Pair-wise gene expression analysis was performed to compare the differences in gene expression patterns of naïve Large T (cell population injected into mice) with the Large T cell population isolated from infarcted tissue (iLarge T). RNA was extracted from cells using QIAshredder (Qiagen, Hilden, GmbH) and an RNeasy mini kit (Qiagen, Maryland), according to manufacturer's directions. RNA integrity was assessed by electrophoresis on the Agilent 2100 Bioanalyzer (Agilent Technologies, Palo Alto, CA). Double-stranded cDNA was synthesized from approximately 7 ug total RNA, using a Superscript cDNA Synthesis Kit (Invitrogen, Carlsbad, CA) in combination with a T7-(dT)24 primer (Proligo, Boulder, CO). Biotinylated cRNA was transcribed in vitro using the BioArray High Yield RNA Transcript Labeling Kit (ENZO Biochem, New York, NY) and purified using the GeneChip Sample Cleanup Module (Affymetrix, Santa Clara, CA).
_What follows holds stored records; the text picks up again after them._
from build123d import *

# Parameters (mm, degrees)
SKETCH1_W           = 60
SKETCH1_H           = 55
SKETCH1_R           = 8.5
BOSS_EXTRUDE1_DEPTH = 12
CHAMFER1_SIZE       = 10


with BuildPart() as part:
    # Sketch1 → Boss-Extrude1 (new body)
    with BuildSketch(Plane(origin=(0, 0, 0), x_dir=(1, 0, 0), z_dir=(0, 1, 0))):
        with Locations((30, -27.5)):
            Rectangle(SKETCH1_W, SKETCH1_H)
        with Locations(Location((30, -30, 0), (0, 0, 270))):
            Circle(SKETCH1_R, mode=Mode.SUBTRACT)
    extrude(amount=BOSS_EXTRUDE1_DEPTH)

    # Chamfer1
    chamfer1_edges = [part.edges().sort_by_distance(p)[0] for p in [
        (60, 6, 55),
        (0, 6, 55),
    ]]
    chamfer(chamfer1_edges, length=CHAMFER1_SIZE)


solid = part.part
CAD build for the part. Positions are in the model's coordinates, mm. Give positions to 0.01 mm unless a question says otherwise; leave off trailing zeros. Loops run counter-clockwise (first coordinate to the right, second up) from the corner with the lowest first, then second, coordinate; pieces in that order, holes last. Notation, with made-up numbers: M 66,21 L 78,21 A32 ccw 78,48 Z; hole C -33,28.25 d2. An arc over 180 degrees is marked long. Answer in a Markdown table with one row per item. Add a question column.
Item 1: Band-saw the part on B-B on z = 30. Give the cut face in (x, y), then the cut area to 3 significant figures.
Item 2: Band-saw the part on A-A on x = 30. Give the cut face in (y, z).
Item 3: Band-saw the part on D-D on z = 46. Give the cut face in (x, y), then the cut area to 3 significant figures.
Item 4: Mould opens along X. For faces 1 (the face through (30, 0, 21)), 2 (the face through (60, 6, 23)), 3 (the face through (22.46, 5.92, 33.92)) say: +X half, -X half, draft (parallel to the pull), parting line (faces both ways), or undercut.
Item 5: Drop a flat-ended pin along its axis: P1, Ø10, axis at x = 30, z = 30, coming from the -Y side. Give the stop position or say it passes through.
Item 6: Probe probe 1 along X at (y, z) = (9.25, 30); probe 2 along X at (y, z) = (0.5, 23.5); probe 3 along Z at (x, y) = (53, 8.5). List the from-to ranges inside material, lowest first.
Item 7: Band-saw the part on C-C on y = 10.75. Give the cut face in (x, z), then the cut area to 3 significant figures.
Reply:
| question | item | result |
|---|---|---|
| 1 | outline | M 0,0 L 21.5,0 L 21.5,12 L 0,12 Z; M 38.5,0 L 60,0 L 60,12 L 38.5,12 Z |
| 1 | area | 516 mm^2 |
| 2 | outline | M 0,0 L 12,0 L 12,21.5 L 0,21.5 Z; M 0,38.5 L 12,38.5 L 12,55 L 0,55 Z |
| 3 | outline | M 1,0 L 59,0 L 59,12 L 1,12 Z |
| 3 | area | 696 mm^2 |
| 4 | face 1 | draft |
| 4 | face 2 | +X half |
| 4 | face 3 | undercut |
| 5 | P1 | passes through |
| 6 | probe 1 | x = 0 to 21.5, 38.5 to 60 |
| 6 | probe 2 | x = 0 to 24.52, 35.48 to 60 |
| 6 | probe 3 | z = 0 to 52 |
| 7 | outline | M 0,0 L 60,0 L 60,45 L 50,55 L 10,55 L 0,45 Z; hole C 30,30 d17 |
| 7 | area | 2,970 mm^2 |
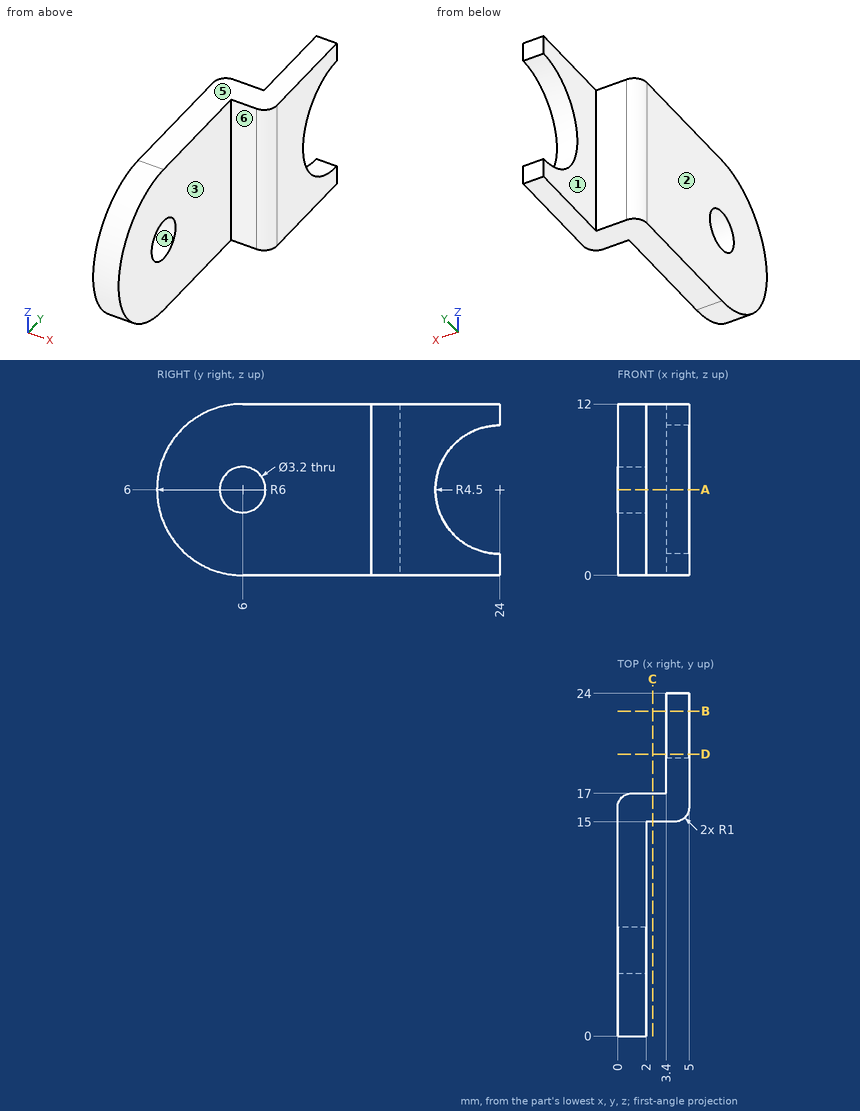
Verification items for this drawing (mm, ordinates from the low corner). A direction names the side the tool comes from. Give positions to 0.01 mm unless a question says otherwise; leave off trailing zeros. Loops run counter-clockwise (first coordinate to the right, second up) from the corner with the lowest first, then second, coordinate; pieces in that order, holes last. Notation, with made-up numbers: M 79,44 L 133,44 A13 cw 133,62 Z; hole C 82.25,-12.5 d5. An arc over 180 degrees is marked long. Write each question's results on one line, items separated by ' | '.
1) Section check B-B, the plane y = 22.75. Record the boundary of the cut face in (x, z).
Answers follow:
outline: M 3.4,0 L 5,0 L 5,1.68 L 3.4,1.68 Z; M 3.4,10.32 L 5,10.32 L 5,12 L 3.4,12 Z
2) Tool access check on the marked faces 1, 2 and 3. Record the directions out of +Z, -Z, +X, -X, +Y, -Y that give a thin tool (end or side, any length) a straight path to the whole face; none if there is none.
Answers follow:
face 1: +Z, -Z, -X, +Y | face 2: +Z, -Z, -X, +Y, -Y | face 3: +Z, -Z, +X, -Y
3) Section check D-D, the plane y = 19.75. Record the boundary of the cut face in (x, z), plus the area to 3 significant figures.
Answers follow:
outline: M 3.4,0 L 5,0 L 5,4.52 L 3.4,4.52 Z; M 3.4,7.48 L 5,7.48 L 5,12 L 3.4,12 Z | area: 14.5 mm2
4) Release check for a two-part mould opening along Z. For the marked faces 4, 5 and 6 record: +Z half, -Z half, draft (parallel to the pull), parting line (faces both ways), or undercut.
Answers follow:
face 4: undercut | face 5: +Z half | face 6: draft
5) Section check C-C, the plane x = 2.45. Record the boundary of the cut face in (y, z), plus the area to 3 significant figures.
Answers follow:
outline: M 15,0 L 17,0 L 17,12 L 15,12 Z | area: 24.0 mm2
6) Gauge pin test, flat ends, axial feed: pin 1 (3 mm diameter, centred on y = 15.5, z = 2, fed in from +X); pin 2 (1 mm diameter, centred on x = 3.5, z = 4.5, fed in from -Y); pin 3 (1.2 mm diameter, centred on x = 1.5, z = 7.5, fed in from +Y). Record the tip position at first contact, or that the pin passes through.
Answers follow:
pin 1: x = 5 | pin 2: y = 15 | pin 3: y = 17
7) Thickness scan on line 1 (Z direction, x = 1, y = 6); line 2 (Y direction, x = 2.9, z = 7.25); line 3 (X direction, y = 11.5, z = 4). Record the ranges inside material, lowest first.
Answers follow:
line 1: 0 to 4.4, 7.6 to 12 | line 2: 15 to 17 | line 3: 0 to 2
8) Section check A-A, the plane z = 6. Record the boundary of the cut face in (x, y), plus the area to 3 significant figures.
Answers follow:
outline: M 0,0 L 2,0 L 2,4.4 L 0,4.4 Z; M 0,7.6 L 2,7.6 L 2,15 L 4,15 A1 ccw 5,16 L 5,19.5 L 3.4,19.5 L 3.4,17 L 1,17 A1 ccw 0,16 Z | area: 37.2 mm2

Twenty micrograms of purified cRNA was fragmented by incubation in fragmentation buffer (200 mM Tris-acetate, pH 8.1, 500 mM potassium acetate, 150 mM magnesium acetate) at 94°C for 35 minutes and chilled on ice. Ten micrograms of fragmented biotin-labeled cRNA was hybridized to the Mouse Genome 430 2.0 Array (Affymetrix), interrogating over 39,000 transcripts. Arrays were incubated for 16 hr at 45°C with constant rotation (60 rpm). The arrays were washed and then stained for 10 min at 25°C with 10 ug/mL streptavidin-R phycoerythrin (Vector Laboratories, Burlingame, CA) followed by 3 ug/mL biotinylated goat anti-streptavidin antibody (Vector Laboratories) for 10 minutes at 25°C. Arrays were then stained once again with streptavidin-R phycoerythrin for 10 min at 25°C. After washing and staining, the arrays were scanned using a GeneChip Scanner 3000. Pixel intensities were measured, expression signals were analyzed and features extracted using the commercial software package GeneChip Operating Software 1.2 (Affymetrix).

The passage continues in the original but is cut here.